La importancia de una biblioteca básica en casa
Antiguamente se decía que el nivel de cultura de un pueblo se podía determinar según la capa de polvo que se acumulaba por encima de los libros de una biblioteca…
Hoy, las cosas han cambiado mucho. Por un lado porque los libros viejos y con polvo se botan y se venden como papel por miedo a los ácaros y a las infecciones que éstos pueden transmitir. Pero también porque pareciera que todos tenemos más libros en nuestros dispositivos tecnológicos que libros físicos en nuestra biblioteca.
Pensar que cada libro que compramos, para nuestros hijos y para nosotros, es una inversión es un concepto en desuso. Hemos adoptado la costumbre de ver los libros, y en especial los que les piden a los niños en el colegio, como objetos útiles o pragmáticos y una vez que cumplen su función – en tal grado o para tal edad - buscamos deshacernos de ellos para abrir espacio a otras cosas más válidas en casa.

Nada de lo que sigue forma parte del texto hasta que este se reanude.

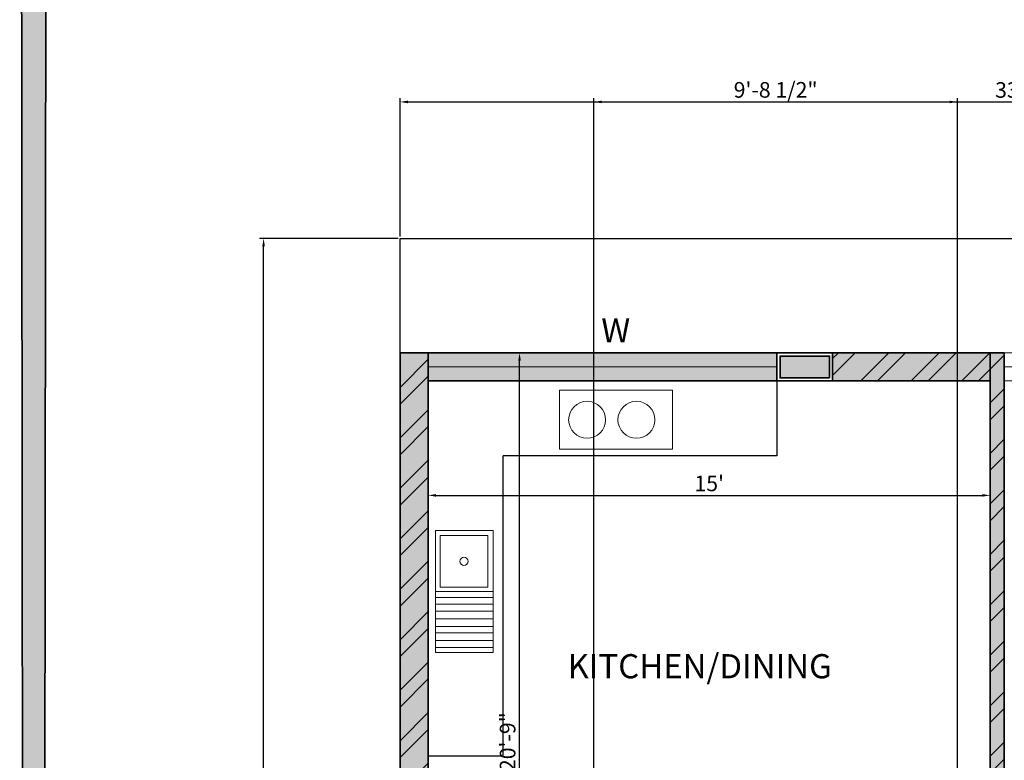
# Model space of a CAD drawing. Units: inches. Extents: x 1804 to 3296, y 909 to 2477.
# Tile 12 of 31: x 1804 to 2119, y 1663 to 1900. Entities that reach past the tile are written whole.
import ezdxf

# ---------------------------------------------------------------- set-up
doc = ezdxf.new("R2010")
doc.units = ezdxf.units.IN
for name, color, linetype, lineweight in [('A-ANNO-DIMS', 2, 'Continuous', 18), ('A-ANNO-TTLB', 156, 'Continuous', 35), ('A-AREA-IDEN', 190, 'Continuous', 18), ('A-EQPM', 9, 'Continuous', 18), ('A-FLOR-CASE', 100, 'Continuous', 25), ('A-FLOR-FIXT', 9, 'Continuous', 18), ('A-WALL-PATT', 10, 'Continuous', 13), ('C-PROP', 7, 'Continuous', 25), ('TEXT', 190, 'Continuous', 18), ('WALL', 10, 'Continuous', 35), ('WIND', 130, 'Continuous', 18)]:
    doc.layers.add(name, color=color, linetype=linetype, lineweight=lineweight)
doc.styles.get("Standard").update_dxf_attribs({"font": 'arial.ttf'})
doc.dimstyles.new('ISO-25', dxfattribs={"dimtxt": 5, "dimasz": 2.5, "dimexe": 1.25, "dimexo": 0.625, "dimtad": 1, "dimdec": 0, "dimlunit": 4, "dimtxsty": 'Standard', "dimcen": 2.5, "dimadec": 0, "dimazin": 0, "dimtfac": 1, "dimtdec": 0, "dimtmove": 0, "dimatfit": 3, "dimfxl": 1, "dimarcsym": 0})
pattern_1 = [(45, (0, 196.207), (-8.08223, 8.08223), []), (45, (5.388, 196.207), (-8.08223, 8.08223), [])]

# ---------------------------------------------------------------- blocks, each defined once
blk = doc.blocks.new('*D8')
at = {"layer": 'A-ANNO-DIMS', "color": 0, "lineweight": -2, "transparency": 16777216}
for p, q in [((1934.58, 1792.75), (1934.58, 1746.51)), ((2114.58, 1792.75), (2114.58, 1746.51)), ((1937.08, 1747.76), (2112.08, 1747.76))]:
    blk.add_line(p, q, dxfattribs=at)
at = {"layer": 'A-ANNO-DIMS', "color": 0, "lineweight": 100, "transparency": 16777216}
for points in [[(1937.08, 1748.17), (1937.08, 1747.34), (1934.58, 1747.76)], [(2112.08, 1748.17), (2112.08, 1747.34), (2114.58, 1747.76)]]:
    blk.add_solid(points, dxfattribs=at)
at = {"layer": 'Defpoints', "color": 0, "lineweight": 100, "transparency": 16777216}
for p in [(1934.58, 1793.38), (2114.58, 1793.38), (2114.58, 1747.76)]:
    blk.add_point(p, dxfattribs=at)
at = {"layer": 'A-ANNO-DIMS', "color": 0, "transparency": 16777216, "insert": (2024.58, 1750.93), "char_height": 5, "attachment_point": 5}
blk.add_mtext("15'", dxfattribs=at)
blk = doc.blocks.new('*D9')
at = {"layer": 'A-ANNO-DIMS', "color": 0, "lineweight": -2, "transparency": 16777216}
for p, q in [((1935.21, 1793.38), (1965.1, 1793.38)), ((1963.85, 1546.88), (1963.85, 1790.88)), ((1935.21, 1544.38), (1965.1, 1544.38))]:
    blk.add_line(p, q, dxfattribs=at)
at = {"layer": 'A-ANNO-DIMS', "color": 0, "lineweight": 100, "transparency": 16777216}
for points in [[(1963.44, 1790.88), (1964.27, 1790.88), (1963.85, 1793.38)], [(1963.44, 1546.88), (1964.27, 1546.88), (1963.85, 1544.38)]]:
    blk.add_solid(points, dxfattribs=at)
at = {"layer": 'Defpoints', "color": 0, "lineweight": 100, "transparency": 16777216}
for p in [(1934.58, 1793.38), (1963.85, 1793.38), (1934.58, 1544.38)]:
    blk.add_point(p, dxfattribs=at)
at = {"layer": 'A-ANNO-DIMS', "color": 0, "transparency": 16777216, "insert": (1960.67, 1668.88), "char_height": 5, "attachment_point": 5, "rotation": 90}
blk.add_mtext('20\'-9"', dxfattribs=at)
blk = doc.blocks.new('WINDOW-PLAN-112IN')
blk.add_line((0, 4.5), (111.7, 4.5))
blk.add_lwpolyline([(0, 0), (111.7, 0), (111.7, 9), (0, 9)], close=True)
blk = doc.blocks.new('*D51')
at = {"layer": 'A-ANNO-DIMS', "color": 0, "lineweight": -2, "transparency": 16777216}
for p, q in [((1925.58, 1830.66), (1925.58, 1874.99)), ((1928.08, 1873.74), (2323.04, 1873.74)), ((2325.54, 1830.66), (2325.54, 1874.99))]:
    blk.add_line(p, q, dxfattribs=at)
at = {"layer": 'A-ANNO-DIMS', "color": 0, "lineweight": 100, "transparency": 16777216}
for points in [[(1928.08, 1874.15), (1928.08, 1873.32), (1925.58, 1873.74)], [(2323.04, 1874.15), (2323.04, 1873.32), (2325.54, 1873.74)]]:
    blk.add_solid(points, dxfattribs=at)
at = {"layer": 'Defpoints', "color": 0, "lineweight": 100, "transparency": 16777216}
for p in [(2325.54, 1873.74), (1925.58, 1830.04), (2325.54, 1830.04)]:
    blk.add_point(p, dxfattribs=at)
at = {"layer": 'A-ANNO-DIMS', "color": 0, "transparency": 16777216, "insert": (2125.56, 1876.92), "char_height": 5, "attachment_point": 5}
blk.add_mtext('33\'-4"', dxfattribs=at)
blk = doc.blocks.new('*D52')
at = {"layer": 'A-ANNO-DIMS', "color": 0, "lineweight": -2, "transparency": 16777216}
for p, q in [((1924.96, 1830.04), (1880.63, 1830.04)), ((1881.88, 1065.27), (1881.88, 1827.54)), ((1924.96, 1062.77), (1880.63, 1062.77))]:
    blk.add_line(p, q, dxfattribs=at)
at = {"layer": 'A-ANNO-DIMS', "color": 0, "lineweight": 100, "transparency": 16777216}
for points in [[(1881.47, 1827.54), (1882.3, 1827.54), (1881.88, 1830.04)], [(1881.47, 1065.27), (1882.3, 1065.27), (1881.88, 1062.77)]]:
    blk.add_solid(points, dxfattribs=at)
at = {"layer": 'Defpoints', "color": 0, "lineweight": 100, "transparency": 16777216}
for p in [(1881.88, 1830.04), (1925.58, 1830.04), (1925.58, 1062.77)]:
    blk.add_point(p, dxfattribs=at)
at = {"layer": 'A-ANNO-DIMS', "color": 0, "transparency": 16777216, "insert": (1878.67, 1446.4), "char_height": 5, "attachment_point": 5, "rotation": 90}
blk.add_mtext('63\'-11 1/2"', dxfattribs=at)
blk = doc.blocks.new('*D62')
at = {"layer": 'A-ANNO-DIMS', "color": 0, "lineweight": -2, "transparency": 16777216}
for p, q in [((1987.63, 1501.57), (1987.63, 1874.99)), ((1990.13, 1873.74), (2101.57, 1873.74)), ((2104.07, 1501.57), (2104.07, 1874.99))]:
    blk.add_line(p, q, dxfattribs=at)
at = {"layer": 'A-ANNO-DIMS', "color": 0, "lineweight": 100, "transparency": 16777216}
for points in [[(1990.13, 1874.15), (1990.13, 1873.32), (1987.63, 1873.74)], [(2101.57, 1874.15), (2101.57, 1873.32), (2104.07, 1873.74)]]:
    blk.add_solid(points, dxfattribs=at)
at = {"layer": 'Defpoints', "color": 0, "lineweight": 100, "transparency": 16777216}
for p in [(2104.07, 1873.74), (1987.63, 1500.95), (2104.07, 1500.95)]:
    blk.add_point(p, dxfattribs=at)
at = {"layer": 'A-ANNO-DIMS', "color": 0, "transparency": 16777216, "insert": (2045.85, 1876.95), "char_height": 5, "attachment_point": 5}
blk.add_mtext('9\'-8 1/2"', dxfattribs=at)

msp = doc.modelspace()

# ---------------------------------------------------------------- hatches: boundary and pattern name
at = {"layer": 'A-ANNO-TTLB'}
h = msp.add_hatch(color=256, dxfattribs=at)
h.dxf.hatch_style = 1
h.paths.add_polyline_path([(3294.53, 2476.54), (1803.79, 2476.54), (1805.43, 909.47), (3296.17, 909.47)])
h.paths.add_polyline_path([(1811, 914.33), (1812.79, 2467.54), (3285.53, 2467.54), (3283.74, 914.33)], flags=16)
h.paths.add_polyline_path([(1925.58, 1062.77), (1925.58, 1138.07), (1925.58, 1539.88), (1925.58, 1793.38), (1925.58, 1830.04), (2325.54, 1830.04), (2325.54, 1793.38), (2325.54, 1586.42), (2325.54, 1138.07), (2325.54, 1062.77)], flags=0)
h.paths.add_polyline_path([(1997.22, 1029.4), (2008.85, 1037.96), (2008.85, 1020.84)], flags=0)
h.paths.add_polyline_path([(1934.58, 1138.07), (1934.58, 1147.07), (2078.77, 1147.07), (2078.77, 1138.07), (2060.94, 1138.07)], flags=0)
h.paths.add_polyline_path([(1944.35, 1138.07), (1944.35, 1147.07), (2056.05, 1147.07), (2056.05, 1138.07)], flags=0)
h.paths.add_polyline_path([(2222.24, 1037.96), (2233.87, 1029.4), (2222.24, 1020.84)], flags=0)
h.paths.add_polyline_path([(2061.94, 1139.07), (2061.94, 1146.07), (2077.77, 1146.07), (2077.77, 1139.07)], flags=0)
h.paths.add_polyline_path([(2149.58, 1138.07), (2149.58, 1269.44), (2158.58, 1269.44), (2158.58, 1326.69), (2149.58, 1326.69), (2149.58, 1340.94), (2139.6, 1340.94), (2139.6, 1434.25), (2149.58, 1434.25), (2149.58, 1447.36), (2158.58, 1447.36), (2158.58, 1423.87), (2158.58, 1408.06), (2198.46, 1408.06), (2198.46, 1412.56), (2282.65, 1412.56), (2282.65, 1465.94), (2316.54, 1465.94), (2316.54, 1590.92), (2192.86, 1590.92), (2192.86, 1595.3), (2291.17, 1595.3), (2291.17, 1590.92), (2316.54, 1590.92), (2316.54, 1784.38), (2300.24, 1784.38), (2300.24, 1757.47), (2268, 1757.47), (2268, 1681.04), (2180.87, 1681.04), (2180.87, 1757.47), (2148.63, 1757.47), (2148.63, 1784.38), (2119.08, 1784.38), (2119.08, 1585.58), (2114.58, 1585.58), (2114.58, 1784.38), (2064.11, 1784.38), (2046.28, 1784.38), (2046.28, 1760.38), (1958.58, 1760.38), (1958.58, 1664.38), (1934.58, 1664.38), (1934.58, 1784.38), (1934.58, 1793.38), (2046.28, 1793.38), (2064.11, 1793.38), (2119.08, 1793.38), (2230.78, 1793.38), (2230.78, 1784.38), (2268, 1784.38), (2300.24, 1784.38), (2316.54, 1784.38), (2316.54, 1590.92), (2316.54, 1373.73), (2316.54, 1138.07)], flags=0)
h.paths.add_polyline_path([(2209.19, 1166.63), (2209.19, 1175.63), (2158.58, 1175.63), (2209.19, 1223.63), (2209.19, 1231.63), (2183.88, 1231.63), (2183.88, 1301.66), (2242.59, 1301.66), (2242.59, 1326.69), (2316.54, 1326.69), (2272.59, 1271.63), (2272.59, 1223.63), (2316.54, 1175.63), (2272.59, 1175.63), (2272.59, 1166.63)], flags=0)
h.paths.add_polyline_path([(1947.77, 1345.22), (1947.77, 1457.48), (1991.2, 1457.48), (1991.2, 1451.7), (1991.2, 1352.18), (1991.2, 1345.22)], flags=0)
h.paths.add_polyline_path([(2209.19, 1271.63), (2262.59, 1271.63), (2262.59, 1311.85), (2272.59, 1301.66), (2272.59, 1271.63), (2269.92, 1269.63), (2270.59, 1269.63), (2270.59, 1225.63), (2211.19, 1225.63), (2211.19, 1269.63), (2211.86, 1269.63)], flags=0)
h.paths.add_polyline_path([(2000.34, 1378.21), (2000.34, 1429.71), (2025.22, 1429.71), (2025.22, 1378.21)], flags=0)
h.paths.add_polyline_path([(2001.34, 1379.21), (2001.34, 1428.71), (2024.22, 1428.71), (2024.22, 1379.21)], flags=0)
h.paths.add_polyline_path([(2012.34, 1390.21), (2012.34, 1417.71), (2013.22, 1417.71), (2013.22, 1390.21)], flags=0)
h.paths.add_polyline_path([(2237.56, 1331.19), (2237.56, 1340.18), (2238.62, 1340.18), (2238.62, 1386.84), (2241.04, 1386.84), (2242.06, 1386.84), (2242.06, 1408.06), (2316.54, 1331.19)], flags=0)
h.paths.add_polyline_path([(1953.73, 1464.35), (1953.73, 1498.59), (1981.74, 1498.59), (1981.74, 1464.35)], flags=0)
h.paths.add_polyline_path([(1987.63, 1462.08), (1987.63, 1500.95), (2104.07, 1500.95), (2104.07, 1462.08), (2099.27, 1462.08), (1993.6, 1462.08)], flags=0)
h.paths.add_polyline_path([(1956.06, 1481.47, -1), (1979.41, 1481.47, -1)], flags=0)
edge = h.paths.add_edge_path(flags=0)
edge.add_ellipse((2299.53, 1438.37), major_axis=(0.31, 21.36), ratio=0.670333, start_angle=0, end_angle=360)
h.paths.add_polyline_path([(2297.39, 1438.37, -1), (2301.67, 1438.37, -1)], flags=0)
h.paths.add_polyline_path([(2591.54, 1163.23), (2591.54, 1179.38), (2591.54, 1379.68), (2591.54, 1395.84), (2734.5, 1395.84), (2734.5, 1379.68), (2734.5, 1179.38), (2734.5, 1163.23)], flags=0)
h.paths.add_polyline_path([(2592.54, 1164.23), (2592.54, 1166.23), (2733.5, 1166.23), (2733.5, 1164.23)], flags=0)
h.paths.add_polyline_path([(2592.54, 1180.38), (2592.54, 1378.68), (2733.5, 1378.68), (2733.5, 1180.38)], flags=0)
h.paths.add_polyline_path([(2593.54, 1181.38), (2593.54, 1377.68), (2732.5, 1377.68), (2732.5, 1181.38)], flags=0)
h.paths.add_polyline_path([(2594.54, 1182.38), (2594.54, 1376.68), (2731.5, 1376.68), (2731.5, 1182.38)], flags=0)
h.paths.add_polyline_path([(1936.95, 1697.46), (1936.95, 1736.46), (1955.41, 1736.46), (1955.41, 1697.46)], flags=0)
h.paths.add_polyline_path([(1938.48, 1718.36), (1938.48, 1734.92), (1953.65, 1734.92), (1953.65, 1718.36)], flags=0)
h.paths.add_polyline_path([(1944.75, 1726.64, -1), (1947.37, 1726.64, -1)], flags=0)
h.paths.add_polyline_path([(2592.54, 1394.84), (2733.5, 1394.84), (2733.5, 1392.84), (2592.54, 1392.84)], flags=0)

La verdad es que los libros no tienen, como dice la canción, “ni edad, ni fecha en el calendario”. Cada vez que leemos algo, hacemos una nueva lectura y el libro nos dice algo distinto. No somos el mismo en cada momento y en cada libro podemos encontrar cosas especiales cada vez que lo leemos o recordamos. Todo depende del estado de ánimo, de lo que está pasando en ese momento en nuestras vidas y de la razón por la cual ese libro aparece en ese momento preciso.
Esa obra que en alguna oportunidad leímos muy rápido en primero o segundo de primaria porque era un deber escolar, puede tener un valor distinto cuando la releemos con la abuelita, el hermano menor o incluso cuando se juega a las muñecas y a ser maestros. Por eso, todo libro que compramos puede tener otra lectura y esa segunda o tercera puede ser aún más mágica que la anterior. Deshacerse del libro es impedir que el libro nos diga otras cosas.
Todo libro que leemos hace parte de nuestra historia: nos recuerda una anécdota en clase, un maestro que amamos u odiamos, un compañero que se sentaba a nuestro lado. Muchas veces lo importante no es el libro en sí lo que nos marca, sino la conexión que hacemos con él: lo que nos recuerda, lo que pensamos o reflexionamos cuando lo leímos, lo que aprendimos con él, las anotaciones que dejamos a lado y lado de la hoja y los garabatos que dejamos en los espacios en blanco.
Los buenos lectores son coleccionistas de libros, de recuerdos lectores y disfrutan ver en su biblioteca esos libros especiales. Poder ver en la biblioteca personal el crecimiento lector es una oportunidad maravillosa para entenderse y recuperar las palabras que en algún momento buscamos y aprendimos. Unos pocos libros, más que decorar el cuarto, reflejan quiénes somos y cuánto hemos madurado.
Los libros para niños son víctimas de este sacrilegio. Parecen salir de los cuartos y de las bibliotecas más rápido de lo que tardan en llegar a ellos. Los padres desocupan el espacio y los botan, porque ya lo leyeron o porque “no era tan bueno”. Y sin embargo esas historias cortas, simples y sencillas son útiles en algún momento. Con esos libros se puede hacer otras tareas: encontrar las figuras literarias que pide la profesora de lengua, recuperar la poesía que se necesita para la carta para la amiga, encontrar la ilustración que muestra cómo brilla el sol en las plumas del gallo.
Guardar un libro es querer la literatura; botarlo enseña que no tienen valor, que son bienes desechables. Atesorar los libros es enseñar a amar las palabras y lo que ellas permiten crear y decir. Cuidar, proteger y amar los libros es una manera de ser fieles y honestos con lo que decimos y respetar el valor de la palabra.
Para terminar, un proverbio hindú que resume todo lo dicho:
“Un libro abierto es un cerebro que habla; cerrado un amigo que espera; olvidado, un alma que perdona; destruido, un corazón que llora”.